There has been some musing about a Border Adjustment Tax or BAT whereby component or raw material imports by U.S. companies would not be considered a deductible expense for tax purposes. Canadian business media has written extensively in recent days about how awful this would be for Canada’s massive oil and gas exports resulting in further discounts to Canadian prices.

But Trump told The Wall Street Journal last week that he didn’t like the idea because it was “too complicated”. It would also drive up the cost of U.S. energy at a time when Trump is determined to make America more competitive. Whatever the optimistic forecasts for U.S. oil production may be, on January 19 the Energy Information Administration reported crude imports of 8.4 million b/d versus production of only 8.9 million b/d. This looks like an expensive way to tax the U.S. back into prosperity.

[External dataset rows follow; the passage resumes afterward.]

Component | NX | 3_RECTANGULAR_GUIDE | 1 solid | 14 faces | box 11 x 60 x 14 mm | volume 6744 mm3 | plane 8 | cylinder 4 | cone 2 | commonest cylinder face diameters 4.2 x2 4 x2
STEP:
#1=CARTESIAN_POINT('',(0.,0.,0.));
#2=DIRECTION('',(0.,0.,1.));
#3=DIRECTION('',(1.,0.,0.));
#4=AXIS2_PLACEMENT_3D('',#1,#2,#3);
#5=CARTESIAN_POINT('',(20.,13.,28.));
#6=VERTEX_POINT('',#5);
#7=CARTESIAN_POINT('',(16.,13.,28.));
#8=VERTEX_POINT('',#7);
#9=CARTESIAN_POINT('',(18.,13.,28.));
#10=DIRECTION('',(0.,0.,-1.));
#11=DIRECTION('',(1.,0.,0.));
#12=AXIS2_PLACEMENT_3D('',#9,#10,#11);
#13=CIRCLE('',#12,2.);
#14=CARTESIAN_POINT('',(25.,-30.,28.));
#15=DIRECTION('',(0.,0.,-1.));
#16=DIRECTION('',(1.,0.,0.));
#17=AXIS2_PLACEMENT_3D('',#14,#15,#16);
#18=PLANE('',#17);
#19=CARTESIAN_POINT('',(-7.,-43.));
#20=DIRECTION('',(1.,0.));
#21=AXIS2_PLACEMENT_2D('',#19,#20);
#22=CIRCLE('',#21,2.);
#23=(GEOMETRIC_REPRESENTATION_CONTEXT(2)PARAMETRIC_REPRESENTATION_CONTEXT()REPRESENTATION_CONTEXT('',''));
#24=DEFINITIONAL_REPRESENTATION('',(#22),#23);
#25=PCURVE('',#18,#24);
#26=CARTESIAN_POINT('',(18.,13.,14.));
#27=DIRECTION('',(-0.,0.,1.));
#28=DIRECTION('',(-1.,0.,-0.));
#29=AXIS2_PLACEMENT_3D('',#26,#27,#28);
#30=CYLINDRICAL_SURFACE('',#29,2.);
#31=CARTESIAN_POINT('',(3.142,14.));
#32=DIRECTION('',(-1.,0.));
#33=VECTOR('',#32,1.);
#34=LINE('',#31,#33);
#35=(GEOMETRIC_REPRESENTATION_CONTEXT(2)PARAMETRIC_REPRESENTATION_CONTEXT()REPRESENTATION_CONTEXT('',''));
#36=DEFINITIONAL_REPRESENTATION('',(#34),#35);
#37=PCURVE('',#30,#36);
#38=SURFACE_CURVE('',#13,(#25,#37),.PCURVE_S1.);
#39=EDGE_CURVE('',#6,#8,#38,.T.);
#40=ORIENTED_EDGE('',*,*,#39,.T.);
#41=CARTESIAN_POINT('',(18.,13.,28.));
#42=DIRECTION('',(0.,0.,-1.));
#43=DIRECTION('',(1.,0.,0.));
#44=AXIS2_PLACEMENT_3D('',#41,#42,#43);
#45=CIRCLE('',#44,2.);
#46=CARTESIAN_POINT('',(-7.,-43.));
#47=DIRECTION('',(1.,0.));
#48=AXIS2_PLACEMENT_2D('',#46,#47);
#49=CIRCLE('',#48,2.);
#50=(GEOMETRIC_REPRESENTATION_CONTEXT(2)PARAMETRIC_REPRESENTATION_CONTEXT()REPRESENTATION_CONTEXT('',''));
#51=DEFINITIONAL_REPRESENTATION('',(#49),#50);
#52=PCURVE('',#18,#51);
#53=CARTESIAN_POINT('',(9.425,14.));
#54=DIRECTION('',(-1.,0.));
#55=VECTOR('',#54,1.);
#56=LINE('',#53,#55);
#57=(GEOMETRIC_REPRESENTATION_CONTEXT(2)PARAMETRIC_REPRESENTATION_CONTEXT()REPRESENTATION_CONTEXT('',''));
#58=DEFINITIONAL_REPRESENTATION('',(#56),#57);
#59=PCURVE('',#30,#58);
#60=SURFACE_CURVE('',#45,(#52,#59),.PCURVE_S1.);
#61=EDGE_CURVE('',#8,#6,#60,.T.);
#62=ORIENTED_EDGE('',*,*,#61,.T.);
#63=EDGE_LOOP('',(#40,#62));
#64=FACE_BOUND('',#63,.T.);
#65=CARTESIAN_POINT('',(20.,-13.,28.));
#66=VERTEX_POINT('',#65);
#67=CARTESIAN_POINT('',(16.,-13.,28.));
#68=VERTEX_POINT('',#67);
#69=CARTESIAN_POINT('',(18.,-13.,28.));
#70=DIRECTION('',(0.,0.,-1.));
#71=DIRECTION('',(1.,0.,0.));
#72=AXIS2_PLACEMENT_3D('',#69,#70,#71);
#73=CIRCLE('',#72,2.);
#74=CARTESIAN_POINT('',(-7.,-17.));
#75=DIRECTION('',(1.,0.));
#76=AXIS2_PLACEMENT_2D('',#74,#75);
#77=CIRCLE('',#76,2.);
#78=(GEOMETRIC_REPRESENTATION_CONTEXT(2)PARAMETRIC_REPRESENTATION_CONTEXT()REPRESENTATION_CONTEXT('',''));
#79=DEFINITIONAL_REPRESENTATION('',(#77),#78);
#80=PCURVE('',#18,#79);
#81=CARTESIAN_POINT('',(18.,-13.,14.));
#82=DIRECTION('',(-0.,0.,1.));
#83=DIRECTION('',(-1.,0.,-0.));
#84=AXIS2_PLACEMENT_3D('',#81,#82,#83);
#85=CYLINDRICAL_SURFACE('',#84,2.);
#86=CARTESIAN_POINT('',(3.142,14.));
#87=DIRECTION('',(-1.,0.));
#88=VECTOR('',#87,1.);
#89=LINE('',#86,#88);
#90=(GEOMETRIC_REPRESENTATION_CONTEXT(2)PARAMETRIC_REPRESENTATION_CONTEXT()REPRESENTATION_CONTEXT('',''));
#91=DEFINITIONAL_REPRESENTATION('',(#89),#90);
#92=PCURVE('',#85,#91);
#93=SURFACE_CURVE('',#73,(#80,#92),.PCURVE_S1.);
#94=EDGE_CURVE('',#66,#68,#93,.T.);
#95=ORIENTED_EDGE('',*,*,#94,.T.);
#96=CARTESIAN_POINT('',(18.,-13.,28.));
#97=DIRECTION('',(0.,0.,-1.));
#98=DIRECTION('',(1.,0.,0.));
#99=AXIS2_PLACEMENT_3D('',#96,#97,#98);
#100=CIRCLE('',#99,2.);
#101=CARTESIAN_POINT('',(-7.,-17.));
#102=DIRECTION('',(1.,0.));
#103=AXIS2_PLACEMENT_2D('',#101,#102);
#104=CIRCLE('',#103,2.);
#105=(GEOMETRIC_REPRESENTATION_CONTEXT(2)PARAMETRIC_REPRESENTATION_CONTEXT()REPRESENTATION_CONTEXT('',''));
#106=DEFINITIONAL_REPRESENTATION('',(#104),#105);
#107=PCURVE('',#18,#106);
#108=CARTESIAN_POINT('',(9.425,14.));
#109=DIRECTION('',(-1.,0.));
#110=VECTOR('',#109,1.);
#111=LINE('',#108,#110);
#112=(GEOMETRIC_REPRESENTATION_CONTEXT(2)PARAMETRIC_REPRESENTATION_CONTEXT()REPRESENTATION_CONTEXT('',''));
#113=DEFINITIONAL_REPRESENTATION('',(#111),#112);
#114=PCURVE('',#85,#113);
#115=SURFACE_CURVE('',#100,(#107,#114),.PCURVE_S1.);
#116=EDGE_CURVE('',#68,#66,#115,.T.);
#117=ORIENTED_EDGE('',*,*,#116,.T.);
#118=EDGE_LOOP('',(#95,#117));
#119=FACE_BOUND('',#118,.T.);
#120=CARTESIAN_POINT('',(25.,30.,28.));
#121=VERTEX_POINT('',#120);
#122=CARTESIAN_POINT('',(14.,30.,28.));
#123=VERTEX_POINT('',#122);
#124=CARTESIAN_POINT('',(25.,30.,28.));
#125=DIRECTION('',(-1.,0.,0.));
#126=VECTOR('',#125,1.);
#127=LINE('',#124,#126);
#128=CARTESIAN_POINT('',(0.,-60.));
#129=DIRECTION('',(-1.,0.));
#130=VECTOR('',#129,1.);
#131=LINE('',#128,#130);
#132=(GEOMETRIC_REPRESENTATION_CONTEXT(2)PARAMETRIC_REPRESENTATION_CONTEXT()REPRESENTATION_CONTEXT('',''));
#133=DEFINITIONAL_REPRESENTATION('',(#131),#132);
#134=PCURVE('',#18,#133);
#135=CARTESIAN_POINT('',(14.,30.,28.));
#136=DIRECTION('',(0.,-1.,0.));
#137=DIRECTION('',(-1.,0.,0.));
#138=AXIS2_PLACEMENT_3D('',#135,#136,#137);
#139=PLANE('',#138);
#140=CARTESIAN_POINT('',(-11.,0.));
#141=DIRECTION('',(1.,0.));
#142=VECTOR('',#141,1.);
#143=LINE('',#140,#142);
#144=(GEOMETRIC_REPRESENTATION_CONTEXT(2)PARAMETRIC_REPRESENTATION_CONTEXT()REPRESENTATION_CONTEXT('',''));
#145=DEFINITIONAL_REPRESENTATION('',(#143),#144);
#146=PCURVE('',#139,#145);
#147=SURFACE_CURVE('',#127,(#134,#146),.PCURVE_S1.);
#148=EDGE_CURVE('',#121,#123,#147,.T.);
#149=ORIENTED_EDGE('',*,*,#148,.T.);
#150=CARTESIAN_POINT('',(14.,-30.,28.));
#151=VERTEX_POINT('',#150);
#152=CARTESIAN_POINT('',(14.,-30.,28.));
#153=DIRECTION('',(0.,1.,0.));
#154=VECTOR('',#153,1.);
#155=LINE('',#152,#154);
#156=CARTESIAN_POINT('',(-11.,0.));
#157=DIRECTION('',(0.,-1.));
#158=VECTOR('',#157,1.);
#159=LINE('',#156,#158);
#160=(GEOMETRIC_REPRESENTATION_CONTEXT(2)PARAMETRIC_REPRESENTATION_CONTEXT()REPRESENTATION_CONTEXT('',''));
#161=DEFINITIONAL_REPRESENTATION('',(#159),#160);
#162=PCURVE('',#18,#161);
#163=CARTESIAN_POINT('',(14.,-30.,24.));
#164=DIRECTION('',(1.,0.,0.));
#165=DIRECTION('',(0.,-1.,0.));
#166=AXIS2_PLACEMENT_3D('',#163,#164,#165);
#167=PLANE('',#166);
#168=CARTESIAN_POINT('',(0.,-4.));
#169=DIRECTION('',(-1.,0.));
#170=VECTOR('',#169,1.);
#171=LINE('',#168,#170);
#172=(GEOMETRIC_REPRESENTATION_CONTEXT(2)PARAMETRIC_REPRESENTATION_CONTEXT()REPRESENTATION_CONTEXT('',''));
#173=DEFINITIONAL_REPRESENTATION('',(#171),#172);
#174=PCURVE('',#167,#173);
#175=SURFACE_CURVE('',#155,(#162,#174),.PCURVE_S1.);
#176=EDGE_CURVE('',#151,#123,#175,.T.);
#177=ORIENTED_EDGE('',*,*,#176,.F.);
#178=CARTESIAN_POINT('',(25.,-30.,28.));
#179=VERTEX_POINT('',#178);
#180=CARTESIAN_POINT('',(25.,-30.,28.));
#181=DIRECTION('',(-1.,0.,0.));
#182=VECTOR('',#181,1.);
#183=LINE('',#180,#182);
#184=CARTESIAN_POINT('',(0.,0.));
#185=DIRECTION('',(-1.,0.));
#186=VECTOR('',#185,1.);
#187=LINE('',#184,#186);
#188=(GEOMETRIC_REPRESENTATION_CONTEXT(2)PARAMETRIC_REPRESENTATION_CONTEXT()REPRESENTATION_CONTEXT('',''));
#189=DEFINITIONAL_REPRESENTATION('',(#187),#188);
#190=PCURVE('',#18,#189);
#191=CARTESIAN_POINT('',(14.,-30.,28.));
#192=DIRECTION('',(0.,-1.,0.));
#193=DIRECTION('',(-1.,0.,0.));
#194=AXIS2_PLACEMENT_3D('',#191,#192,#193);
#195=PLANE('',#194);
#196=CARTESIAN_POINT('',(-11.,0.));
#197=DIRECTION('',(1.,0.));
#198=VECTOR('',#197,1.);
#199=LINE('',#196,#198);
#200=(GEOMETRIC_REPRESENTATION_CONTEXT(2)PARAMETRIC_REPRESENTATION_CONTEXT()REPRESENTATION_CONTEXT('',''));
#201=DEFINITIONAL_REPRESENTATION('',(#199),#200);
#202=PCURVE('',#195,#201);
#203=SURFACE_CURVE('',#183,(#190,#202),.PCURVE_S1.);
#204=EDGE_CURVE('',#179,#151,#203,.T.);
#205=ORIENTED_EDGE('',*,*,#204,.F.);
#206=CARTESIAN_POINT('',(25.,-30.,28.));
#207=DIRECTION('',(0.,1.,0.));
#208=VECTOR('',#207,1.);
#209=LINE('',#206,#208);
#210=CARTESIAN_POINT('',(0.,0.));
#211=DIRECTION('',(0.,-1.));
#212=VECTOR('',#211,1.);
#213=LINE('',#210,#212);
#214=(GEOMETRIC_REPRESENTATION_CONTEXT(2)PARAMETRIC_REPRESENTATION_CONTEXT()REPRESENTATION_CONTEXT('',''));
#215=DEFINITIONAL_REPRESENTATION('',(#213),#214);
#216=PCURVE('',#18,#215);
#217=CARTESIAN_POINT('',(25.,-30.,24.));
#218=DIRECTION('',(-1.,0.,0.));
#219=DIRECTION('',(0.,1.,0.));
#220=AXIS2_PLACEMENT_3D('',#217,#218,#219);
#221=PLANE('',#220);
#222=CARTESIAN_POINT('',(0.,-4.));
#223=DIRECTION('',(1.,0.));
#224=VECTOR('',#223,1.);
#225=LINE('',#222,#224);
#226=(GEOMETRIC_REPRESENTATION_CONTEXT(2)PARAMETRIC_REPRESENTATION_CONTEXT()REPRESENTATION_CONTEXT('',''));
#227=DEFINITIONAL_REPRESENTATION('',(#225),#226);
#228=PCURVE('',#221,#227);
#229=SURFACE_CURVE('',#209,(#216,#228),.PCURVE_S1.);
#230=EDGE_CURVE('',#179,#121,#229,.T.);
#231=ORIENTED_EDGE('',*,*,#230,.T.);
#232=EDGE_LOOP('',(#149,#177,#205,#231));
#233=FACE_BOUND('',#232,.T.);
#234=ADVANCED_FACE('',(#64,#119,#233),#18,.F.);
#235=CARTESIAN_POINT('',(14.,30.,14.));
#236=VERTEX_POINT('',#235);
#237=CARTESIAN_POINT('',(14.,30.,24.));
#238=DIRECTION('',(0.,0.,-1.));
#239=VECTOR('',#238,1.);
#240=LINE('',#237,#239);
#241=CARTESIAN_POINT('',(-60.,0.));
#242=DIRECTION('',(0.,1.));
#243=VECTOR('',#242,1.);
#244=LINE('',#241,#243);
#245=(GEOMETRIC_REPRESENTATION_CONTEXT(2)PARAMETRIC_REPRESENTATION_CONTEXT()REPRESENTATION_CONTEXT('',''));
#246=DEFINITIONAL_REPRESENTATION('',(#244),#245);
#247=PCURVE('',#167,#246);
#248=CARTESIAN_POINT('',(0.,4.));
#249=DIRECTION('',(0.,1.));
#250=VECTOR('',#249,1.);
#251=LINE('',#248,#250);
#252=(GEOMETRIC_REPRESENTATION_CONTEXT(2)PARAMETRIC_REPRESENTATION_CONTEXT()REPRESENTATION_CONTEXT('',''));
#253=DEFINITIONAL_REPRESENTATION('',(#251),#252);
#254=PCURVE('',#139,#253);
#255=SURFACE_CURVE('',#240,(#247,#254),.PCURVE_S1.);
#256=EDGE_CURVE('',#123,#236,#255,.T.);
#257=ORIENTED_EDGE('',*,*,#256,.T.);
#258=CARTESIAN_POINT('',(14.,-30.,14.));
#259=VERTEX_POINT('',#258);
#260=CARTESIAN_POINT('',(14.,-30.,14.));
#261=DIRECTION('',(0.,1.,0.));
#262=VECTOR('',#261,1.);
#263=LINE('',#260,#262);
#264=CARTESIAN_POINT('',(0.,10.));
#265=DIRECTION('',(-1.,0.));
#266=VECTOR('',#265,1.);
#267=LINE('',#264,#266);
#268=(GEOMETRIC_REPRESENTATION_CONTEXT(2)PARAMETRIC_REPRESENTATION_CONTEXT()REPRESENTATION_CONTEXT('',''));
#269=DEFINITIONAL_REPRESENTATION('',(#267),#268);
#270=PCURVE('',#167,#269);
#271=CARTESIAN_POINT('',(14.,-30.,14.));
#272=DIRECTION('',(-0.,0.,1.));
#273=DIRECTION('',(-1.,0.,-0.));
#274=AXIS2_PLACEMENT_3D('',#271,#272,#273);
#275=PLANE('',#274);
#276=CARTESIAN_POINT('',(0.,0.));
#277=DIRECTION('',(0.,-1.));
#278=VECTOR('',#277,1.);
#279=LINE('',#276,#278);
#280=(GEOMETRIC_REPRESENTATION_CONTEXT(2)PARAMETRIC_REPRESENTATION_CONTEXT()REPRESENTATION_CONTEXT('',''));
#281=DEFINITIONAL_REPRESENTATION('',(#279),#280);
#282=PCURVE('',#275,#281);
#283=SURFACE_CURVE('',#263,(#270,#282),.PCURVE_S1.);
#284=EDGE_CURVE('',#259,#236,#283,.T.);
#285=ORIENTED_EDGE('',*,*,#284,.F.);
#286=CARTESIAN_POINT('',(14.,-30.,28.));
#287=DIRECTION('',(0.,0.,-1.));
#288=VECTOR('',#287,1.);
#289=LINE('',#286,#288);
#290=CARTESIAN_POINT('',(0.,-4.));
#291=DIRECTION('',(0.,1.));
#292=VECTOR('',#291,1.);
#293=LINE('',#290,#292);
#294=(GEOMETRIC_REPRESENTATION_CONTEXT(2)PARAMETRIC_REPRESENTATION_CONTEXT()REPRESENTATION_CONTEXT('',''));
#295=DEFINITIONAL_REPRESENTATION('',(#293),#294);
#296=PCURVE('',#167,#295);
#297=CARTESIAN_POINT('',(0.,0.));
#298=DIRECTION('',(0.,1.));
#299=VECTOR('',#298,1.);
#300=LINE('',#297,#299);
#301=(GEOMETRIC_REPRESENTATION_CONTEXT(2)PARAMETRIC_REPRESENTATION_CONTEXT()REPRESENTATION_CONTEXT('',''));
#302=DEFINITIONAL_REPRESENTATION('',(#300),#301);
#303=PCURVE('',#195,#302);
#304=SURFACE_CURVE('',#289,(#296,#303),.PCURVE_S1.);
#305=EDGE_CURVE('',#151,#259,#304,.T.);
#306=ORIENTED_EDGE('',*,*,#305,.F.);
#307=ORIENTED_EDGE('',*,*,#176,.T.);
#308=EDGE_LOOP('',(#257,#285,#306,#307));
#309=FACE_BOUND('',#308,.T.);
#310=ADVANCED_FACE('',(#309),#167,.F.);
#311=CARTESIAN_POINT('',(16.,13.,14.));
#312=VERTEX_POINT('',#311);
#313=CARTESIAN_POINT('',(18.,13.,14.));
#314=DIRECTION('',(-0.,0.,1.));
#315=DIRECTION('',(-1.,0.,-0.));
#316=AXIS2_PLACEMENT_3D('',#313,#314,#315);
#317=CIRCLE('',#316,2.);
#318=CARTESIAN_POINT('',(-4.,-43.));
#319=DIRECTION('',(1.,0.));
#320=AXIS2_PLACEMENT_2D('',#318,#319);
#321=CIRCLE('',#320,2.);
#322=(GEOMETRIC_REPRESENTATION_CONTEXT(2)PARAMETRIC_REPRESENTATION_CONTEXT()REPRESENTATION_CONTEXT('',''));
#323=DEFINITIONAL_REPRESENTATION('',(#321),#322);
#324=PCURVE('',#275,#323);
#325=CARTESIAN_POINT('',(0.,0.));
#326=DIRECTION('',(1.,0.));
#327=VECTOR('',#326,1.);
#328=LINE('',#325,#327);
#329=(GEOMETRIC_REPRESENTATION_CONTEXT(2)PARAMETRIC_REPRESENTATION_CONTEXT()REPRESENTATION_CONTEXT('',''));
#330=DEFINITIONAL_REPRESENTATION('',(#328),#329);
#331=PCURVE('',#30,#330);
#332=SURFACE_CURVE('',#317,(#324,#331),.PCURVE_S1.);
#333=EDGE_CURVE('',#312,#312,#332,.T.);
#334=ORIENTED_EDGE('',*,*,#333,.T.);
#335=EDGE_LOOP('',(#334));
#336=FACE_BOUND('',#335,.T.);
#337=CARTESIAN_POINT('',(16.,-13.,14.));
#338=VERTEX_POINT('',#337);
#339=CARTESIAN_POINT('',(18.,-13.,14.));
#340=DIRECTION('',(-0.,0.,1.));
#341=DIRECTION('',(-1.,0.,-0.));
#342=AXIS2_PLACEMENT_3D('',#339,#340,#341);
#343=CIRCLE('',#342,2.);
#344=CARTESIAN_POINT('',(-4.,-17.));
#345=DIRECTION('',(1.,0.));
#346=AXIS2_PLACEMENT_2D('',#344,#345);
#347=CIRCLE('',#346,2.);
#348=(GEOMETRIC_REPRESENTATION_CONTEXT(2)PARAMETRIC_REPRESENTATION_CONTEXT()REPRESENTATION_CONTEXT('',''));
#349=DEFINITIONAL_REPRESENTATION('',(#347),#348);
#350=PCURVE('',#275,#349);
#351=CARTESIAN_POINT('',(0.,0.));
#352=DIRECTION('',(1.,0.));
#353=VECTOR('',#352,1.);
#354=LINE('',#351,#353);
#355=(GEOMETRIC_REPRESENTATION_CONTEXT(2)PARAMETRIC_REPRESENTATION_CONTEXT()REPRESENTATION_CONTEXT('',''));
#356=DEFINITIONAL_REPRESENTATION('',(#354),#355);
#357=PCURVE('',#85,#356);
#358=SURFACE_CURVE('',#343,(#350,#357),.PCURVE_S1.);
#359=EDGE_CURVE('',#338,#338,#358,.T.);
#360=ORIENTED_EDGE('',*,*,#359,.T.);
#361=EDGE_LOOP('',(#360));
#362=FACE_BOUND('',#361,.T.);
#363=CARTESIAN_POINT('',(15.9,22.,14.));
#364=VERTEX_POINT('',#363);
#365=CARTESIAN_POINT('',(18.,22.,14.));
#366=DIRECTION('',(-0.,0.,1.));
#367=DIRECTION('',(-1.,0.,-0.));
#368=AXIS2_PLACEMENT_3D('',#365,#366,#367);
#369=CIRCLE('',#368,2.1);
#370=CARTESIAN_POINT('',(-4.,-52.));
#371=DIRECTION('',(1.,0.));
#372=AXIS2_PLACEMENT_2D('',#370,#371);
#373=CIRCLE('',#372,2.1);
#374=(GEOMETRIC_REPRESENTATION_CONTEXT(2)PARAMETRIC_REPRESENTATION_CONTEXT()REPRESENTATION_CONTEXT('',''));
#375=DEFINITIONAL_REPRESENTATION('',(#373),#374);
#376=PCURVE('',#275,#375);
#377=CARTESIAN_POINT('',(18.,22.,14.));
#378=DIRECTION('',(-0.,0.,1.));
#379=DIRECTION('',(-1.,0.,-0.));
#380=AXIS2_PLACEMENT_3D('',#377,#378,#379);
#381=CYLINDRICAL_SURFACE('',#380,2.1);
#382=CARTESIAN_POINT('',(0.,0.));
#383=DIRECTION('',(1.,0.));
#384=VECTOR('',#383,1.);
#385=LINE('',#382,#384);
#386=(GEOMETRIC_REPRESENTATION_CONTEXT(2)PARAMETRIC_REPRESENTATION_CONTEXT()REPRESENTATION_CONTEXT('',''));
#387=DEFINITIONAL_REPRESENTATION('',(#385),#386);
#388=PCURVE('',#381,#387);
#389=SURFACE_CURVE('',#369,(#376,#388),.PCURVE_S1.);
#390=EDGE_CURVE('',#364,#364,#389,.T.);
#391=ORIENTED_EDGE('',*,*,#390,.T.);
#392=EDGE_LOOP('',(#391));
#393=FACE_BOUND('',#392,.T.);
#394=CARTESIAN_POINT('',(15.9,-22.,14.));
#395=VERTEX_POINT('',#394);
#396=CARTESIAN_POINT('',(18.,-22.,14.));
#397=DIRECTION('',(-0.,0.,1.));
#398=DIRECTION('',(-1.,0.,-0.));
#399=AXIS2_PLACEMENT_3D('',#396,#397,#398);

Conrad Black, a controversial Canadian corporate and media personality himself, has written extensively about how Trump is not such a bad guy. Black is one of only a handful of Canadian writers to say this and that may be a generous estimate. Last spring Black wrote, “I have known Donald Trump cordially for more than 15 years, and he was an ideal business partner in a co-development of a large property in Chicago and a loyal friend in my late legal troubles. What lunacy has possessed our media to be so horrified at someone who expresses mass exasperation over 20 years of misgovernment, failed fiscal and foreign policies, crumbling infrastructure, state education, a retrograde health-care reform, hemorrhaging public debt, the invasion of the country by 12 million illegals, and a self-satisfied political class incanting soporific lullabies about the ‘greatest nation in human history.’”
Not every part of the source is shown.